Bulk Processing

Bulk processing

Bulk processing means multiple number of messages, documents, records etc from source get processed by ESB and are sent to target in a single execution.

Source application send large number of messages in one go to the ESB layer. ESB layer enrich and transform each message separately and send it to the destination.

Source application can push the messages to the ESB or ESB can pull the messages from source application. ESB can pull the messages from file, database, web service etc. provided by source application.

Messages can be processed by middleware in different ways

 Parallel Processing

bulk processing -parallel

bulk processing -parallel

 Source application sends number of messages in one go to the ESB and ESB enriches the messages and pass to the destination in parallel.
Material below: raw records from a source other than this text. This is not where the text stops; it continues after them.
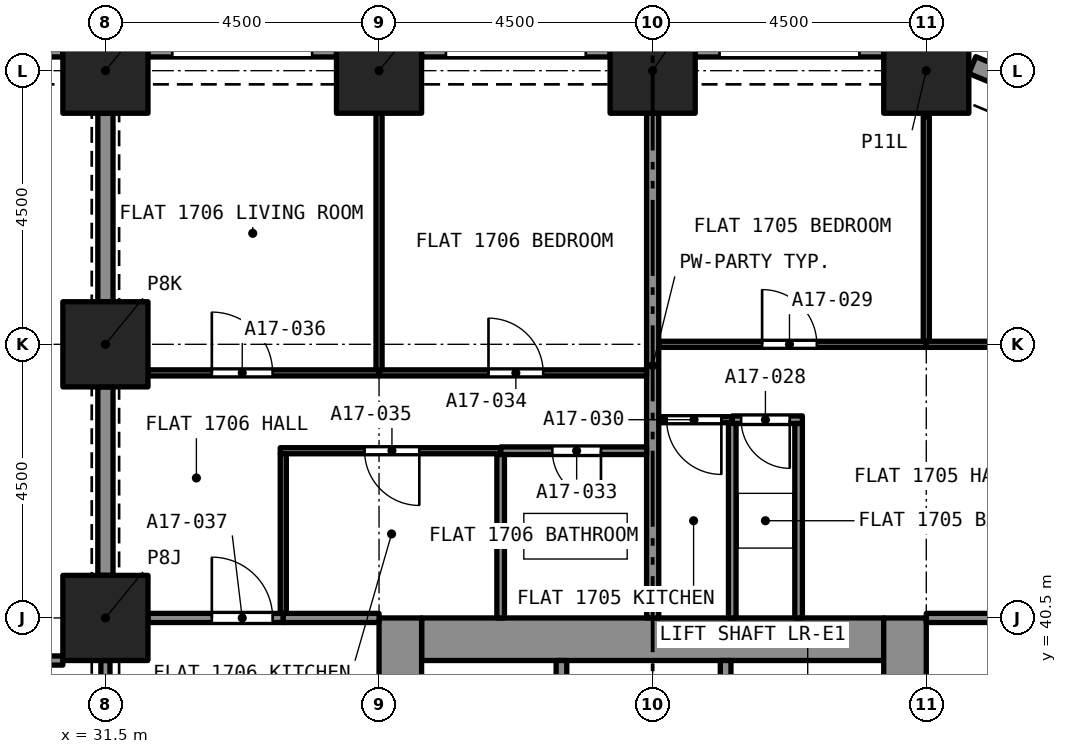
"""IFC4 building model, lengths in metres.
Left out: names, types, materials, properties, quantities, classifications, styles, units other than length and angle.
Written with IfcOpenShell. Run it as: python <this file> out.ifc"""

import sys

from ifc_helpers import new_model, si_unit, direction, frame, frame_2d, origin, origin_2d, place, context, subcontext, project, spatial, rectangle, extrude, element, fill, save


model = new_model("IFC4")
c1 = context("Model", 3, precision=1e-05, world=origin(), true_north=direction((0.0, 1.0)))
c2 = subcontext(c1, "Body", "Model", "MODEL_VIEW")
j1 = project(units=[si_unit("LENGTHUNIT", "METRE"), si_unit("PLANEANGLEUNIT", "RADIAN")], contexts=[c1])
p1 = place(None, origin())
s1 = spatial("IfcSite", under=j1, at=p1, CompositionType="ELEMENT")
p2 = place(p1, origin())
s2 = spatial("IfcBuilding", under=s1, at=p2, CompositionType="ELEMENT")
p3 = place(p2, frame((0.0, 0.0, 65.6)))
s3 = spatial("IfcBuildingStorey", under=s2, at=p3, CompositionType="ELEMENT", Elevation=65.6)
for number, where, z_axis, x_axis in (
    (1, (31.5, 40.5, 0.0), (0.0, 0.0, 1.0), (1.0, 0.0, 0.0)),
    (2, (31.5, 45.0, 0.0), (0.0, 0.0, 1.0), (1.0, 0.0, 0.0)),
    (3, (31.5, 49.5, 0.0), (0.0, 0.0, 1.0), (1.0, 0.0, 0.0)),
    (4, (36.0, 49.5, 0.0), (0.0, 0.0, 1.0), (1.0, 0.0, 0.0)),
    (5, (40.5, 49.5, 0.0), (0.0, 0.0, 1.0), (1.0, 0.0, 0.0)),
    (6, (45.0, 49.5, 0.0), (0.0, 0.0, 1.0), (1.0, 0.0, 0.0)),
):
    element("IfcColumn", number, at=place(p3, frame(where, z_axis=z_axis, x_axis=x_axis)), inside=s3, PredefinedType="COLUMN", context=c2, shape_type="SweptSolid", body=[
        extrude(rectangle(XDim=1.4, YDim=1.4, at=origin_2d()), origin(), (0.0, 0.0, 1.0), 3.2),
    ])
p4 = place(p3, frame((36.7, 40.15, 0.0), z_axis=(0.0, 0.0, 1.0), x_axis=(1.0, 0.0, 0.0)))
e7 = element("IfcWall", 7, at=p4, inside=s3, PredefinedType="SOLIDWALL", context=c2, shape_type="SweptSolid", body=[
    extrude(rectangle(XDim=7.6, YDim=0.7, at=frame_2d((3.8, 0.0))), origin(), (0.0, 0.0, 1.0), 3.2),
])
p5 = place(p3, frame((36.35, 27.0, 0.0), z_axis=(0.0, 0.0, 1.0), x_axis=(0.0, 1.0, 0.0)))
e8 = element("IfcWall", 8, at=p5, inside=s3, PredefinedType="SOLIDWALL", context=c2, shape_type="SweptSolid", body=[
    extrude(rectangle(XDim=13.5, YDim=0.7, at=frame_2d((6.75, 0.0))), origin(), (0.0, 0.0, 1.0), 3.2),
])
p6 = place(p5, frame((8.95, 0.0, 0.0)))
e9 = element("IfcOpeningElement", 9, at=p6, cuts=e8, PredefinedType="OPENING", context=c2, shape_type="SweptSolid", body=[
    extrude(rectangle(XDim=1.2, YDim=2.1, at=frame_2d((0.6, 1.05))), frame((0.0, 0.36, 0.0), z_axis=(0.0, -1.0, 0.0), x_axis=(1.0, 0.0, 0.0)), (0.0, 0.0, 1.0), 0.72),
])
p7 = place(p3, frame((44.65, 27.0, 0.0), z_axis=(0.0, 0.0, 1.0), x_axis=(0.0, 1.0, 0.0)))
e10 = element("IfcWall", 10, at=p7, inside=s3, PredefinedType="SOLIDWALL", context=c2, shape_type="SweptSolid", body=[
    extrude(rectangle(XDim=13.5, YDim=0.7, at=frame_2d((6.75, 0.0))), origin(), (0.0, 0.0, 1.0), 3.2),
])
p8 = place(p7, frame((8.95, 0.0, 0.0)))
e11 = element("IfcOpeningElement", 11, at=p8, cuts=e10, PredefinedType="OPENING", context=c2, shape_type="SweptSolid", body=[
    extrude(rectangle(XDim=1.2, YDim=2.1, at=frame_2d((0.6, 1.05))), frame((0.0, 0.36, 0.0), z_axis=(0.0, -1.0, 0.0), x_axis=(1.0, 0.0, 0.0)), (0.0, 0.0, 1.0), 0.72),
])
p9 = place(p3, frame((45.757, 49.592, 0.0), z_axis=(0.0, 0.0, 1.0), x_axis=(0.923857286003, -0.382737135771, 0.0)))
e12 = element("IfcWall", 12, at=p9, inside=s3, PredefinedType="SOLIDWALL", context=c2, shape_type="SweptSolid", body=[
    extrude(rectangle(XDim=1.865, YDim=0.3, at=frame_2d((0.933, 0.0))), origin(), (0.0, 0.0, 1.0), 3.2),
])
p10 = place(p9, frame((0.508, 0.0, 0.45)))
e13 = element("IfcOpeningElement", 13, at=p10, cuts=e12, PredefinedType="OPENING", context=c2, shape_type="SweptSolid", body=[
    extrude(rectangle(XDim=1.1, YDim=1.95, at=frame_2d((0.55, 0.975))), frame((0.0, 0.16, 0.0), z_axis=(0.0, -1.0, 0.0), x_axis=(1.0, 0.0, 0.0)), (0.0, 0.0, 1.0), 0.32),
])
p11 = place(p3, frame((41.2, 49.875, 0.0), z_axis=(0.0, 0.0, 1.0), x_axis=(1.0, 0.0, 0.0)))
e14 = element("IfcWall", 14, at=p11, inside=s3, PredefinedType="SOLIDWALL", context=c2, shape_type="SweptSolid", body=[
    extrude(rectangle(XDim=3.1, YDim=0.3, at=frame_2d((1.55, 0.0))), origin(), (0.0, 0.0, 1.0), 3.2),
])
p12 = place(p11, frame((0.4, 0.0, 0.45)))
e15 = element("IfcOpeningElement", 15, at=p12, cuts=e14, PredefinedType="OPENING", context=c2, shape_type="SweptSolid", body=[
    extrude(rectangle(XDim=2.3, YDim=1.95, at=frame_2d((1.15, 0.975))), frame((0.0, 0.16, 0.0), z_axis=(0.0, -1.0, 0.0), x_axis=(1.0, 0.0, 0.0)), (0.0, 0.0, 1.0), 0.32),
])
p13 = place(p3, frame((36.7, 49.875, 0.0), z_axis=(0.0, 0.0, 1.0), x_axis=(1.0, 0.0, 0.0)))
e16 = element("IfcWall", 16, at=p13, inside=s3, PredefinedType="SOLIDWALL", context=c2, shape_type="SweptSolid", body=[
    extrude(rectangle(XDim=3.1, YDim=0.3, at=frame_2d((1.55, 0.0))), origin(), (0.0, 0.0, 1.0), 3.2),
])
p14 = place(p13, frame((0.4, 0.0, 0.45)))
e17 = element("IfcOpeningElement", 17, at=p14, cuts=e16, PredefinedType="OPENING", context=c2, shape_type="SweptSolid", body=[
    extrude(rectangle(XDim=2.3, YDim=1.95, at=frame_2d((1.15, 0.975))), frame((0.0, 0.16, 0.0), z_axis=(0.0, -1.0, 0.0), x_axis=(1.0, 0.0, 0.0)), (0.0, 0.0, 1.0), 0.32),
])
p15 = place(p3, frame((32.2, 49.875, 0.0), z_axis=(0.0, 0.0, 1.0), x_axis=(1.0, 0.0, 0.0)))
e18 = element("IfcWall", 18, at=p15, inside=s3, PredefinedType="SOLIDWALL", context=c2, shape_type="SweptSolid", body=[
    extrude(rectangle(XDim=3.1, YDim=0.3, at=frame_2d((1.55, 0.0))), origin(), (0.0, 0.0, 1.0), 3.2),
])
p16 = place(p15, frame((0.4, 0.0, 0.45)))
e19 = element("IfcOpeningElement", 19, at=p16, cuts=e18, PredefinedType="OPENING", context=c2, shape_type="SweptSolid", body=[
    extrude(rectangle(XDim=2.3, YDim=1.95, at=frame_2d((1.15, 0.975))), frame((0.0, 0.16, 0.0), z_axis=(0.0, -1.0, 0.0), x_axis=(1.0, 0.0, 0.0)), (0.0, 0.0, 1.0), 0.32),
])
p17 = place(p3, frame((27.7, 49.875, 0.0), z_axis=(0.0, 0.0, 1.0), x_axis=(1.0, 0.0, 0.0)))
e20 = element("IfcWall", 20, at=p17, inside=s3, PredefinedType="SOLIDWALL", context=c2, shape_type="SweptSolid", body=[
    extrude(rectangle(XDim=3.1, YDim=0.3, at=frame_2d((1.55, 0.0))), origin(), (0.0, 0.0, 1.0), 3.2),
])
p18 = place(p17, frame((0.4, 0.0, 0.45)))
e21 = element("IfcOpeningElement", 21, at=p18, cuts=e20, PredefinedType="OPENING", context=c2, shape_type="SweptSolid", body=[
    extrude(rectangle(XDim=2.3, YDim=1.95, at=frame_2d((1.15, 0.975))), frame((0.0, 0.16, 0.0), z_axis=(0.0, -1.0, 0.0), x_axis=(1.0, 0.0, 0.0)), (0.0, 0.0, 1.0), 0.32),
])
p19 = place(p3, frame((42.962, 43.76, 0.0), z_axis=(0.0, 0.0, 1.0), x_axis=(-1.0, 0.0, 0.0)))
e22 = element("IfcWall", 22, at=p19, inside=s3, PredefinedType="PARTITIONING", context=c2, shape_type="SweptSolid", body=[
    extrude(rectangle(XDim=1.153, YDim=0.125, at=frame_2d((0.577, 0.0))), origin(), (0.0, 0.0, 1.0), 2.9),
])
p20 = place(p19, frame((0.208, 0.0, 0.0)))
e23 = element("IfcOpeningElement", 23, at=p20, cuts=e22, PredefinedType="OPENING", context=c2, shape_type="SweptSolid", body=[
    extrude(rectangle(XDim=0.8, YDim=2.1, at=frame_2d((0.4, 1.05))), frame((0.0, 0.073, 0.0), z_axis=(0.0, -1.0, 0.0), x_axis=(1.0, 0.0, 0.0)), (0.0, 0.0, 1.0), 0.145),
])
for number, where, z_axis, x_axis in (
    (24, (42.9, 40.5, 0.0), (0.0, 0.0, 1.0), (0.0, 1.0, 0.0)),
    (25, (41.809, 40.5, 0.0), (0.0, 0.0, 1.0), (0.0, 1.0, 0.0)),
):
    element("IfcWall", number, at=place(p3, frame(where, z_axis=z_axis, x_axis=x_axis)), inside=s3, PredefinedType="PARTITIONING", context=c2, shape_type="SweptSolid", body=[
        extrude(rectangle(XDim=3.198, YDim=0.125, at=frame_2d((1.599, 0.0))), origin(), (0.0, 0.0, 1.0), 2.9),
    ])
p21 = place(p3, frame((40.6, 45.0, 0.0), z_axis=(0.0, 0.0, 1.0), x_axis=(1.0, 0.0, 0.0)))
e26 = element("IfcWall", 26, at=p21, inside=s3, PredefinedType="PARTITIONING", context=c2, shape_type="SweptSolid", body=[
    extrude(rectangle(XDim=4.4, YDim=0.1, at=frame_2d((2.2, 0.0))), origin(), (0.0, 0.0, 1.0), 2.9),
])
p22 = place(p21, frame((1.7, 0.0, 0.0)))
e27 = element("IfcOpeningElement", 27, at=p22, cuts=e26, PredefinedType="OPENING", context=c2, shape_type="SweptSolid", body=[
    extrude(rectangle(XDim=0.9, YDim=2.1, at=frame_2d((0.45, 1.05))), frame((0.0, 0.06, 0.0), z_axis=(0.0, -1.0, 0.0), x_axis=(1.0, 0.0, 0.0)), (0.0, 0.0, 1.0), 0.12),
])
p23 = place(p3, frame((45.0, 45.05, 0.0), z_axis=(0.0, 0.0, 1.0), x_axis=(0.0, 1.0, 0.0)))
e28 = element("IfcWall", 28, at=p23, inside=s3, PredefinedType="PARTITIONING", context=c2, shape_type="SweptSolid", body=[
    extrude(rectangle(XDim=3.692, YDim=0.1, at=frame_2d((1.846, 0.0))), origin(), (0.0, 0.0, 1.0), 2.9),
])
p24 = place(p3, frame((41.809, 43.76, 0.0), z_axis=(0.0, 0.0, 1.0), x_axis=(-1.0, 0.0, 0.0)))
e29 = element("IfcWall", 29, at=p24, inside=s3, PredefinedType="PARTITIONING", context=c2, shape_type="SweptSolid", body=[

Source application invokes web service provided by ESB and pushes large number of messages to the ESB.  ESB splits batch of messages into individual message and processes each messages in parallel.

Usage:

Use this pattern for faster processing when target support parallel connections and number of messages are less. Use this pattern when server has enough available memory and CPU. This pattern consumes lots of resources in server.

Sequential Processing

 Source application send the large number of messages in one go and ESB process the messages sequentially.

Usages:  Use this pattern, when target does not support parallel connection.

Hybrid Processing

 This is combination of parallel and sequential processing.

Here large batch of messages can be split into smaller batch and each batch can be processed in parallel. Messages in each batch can be processed in sequence.  Also reverse can be done, like processing each batch in sequence and messages in each batch in parallel.

Usage

Parallel processing is faster but needs lot of resources in server. Also target application should support parallel processing. On the other hand sequential processing takes less resources but can be slow. Use hybrid pattern to strike a balance between these two methods.

Error Handling.

The messages in a batch that cannot be posted to destination, should retried later. The messages can be stored in the Error Table for retry.  The layout of the table   is given in another post.  Message look up should be done against error table to avoid overwriting new messages will old one during retry of the messages.

Scheduled Bulk Process

Here ESB process pulls the data from source system; it may be   data from file, database or messages returned by web service. This is normally a scheduled process. Sometimes firewall does not allow push connection from external systems to the internal targets. When push is not allowed, pull method can be used. The pull process can be scheduled to periodically pull the data from source and sending to the target. After pulling the messages from the source it enriches and transforms and sends to the target. It can use any of the design pattern like parallel, sequential, hybrid processing that were described above.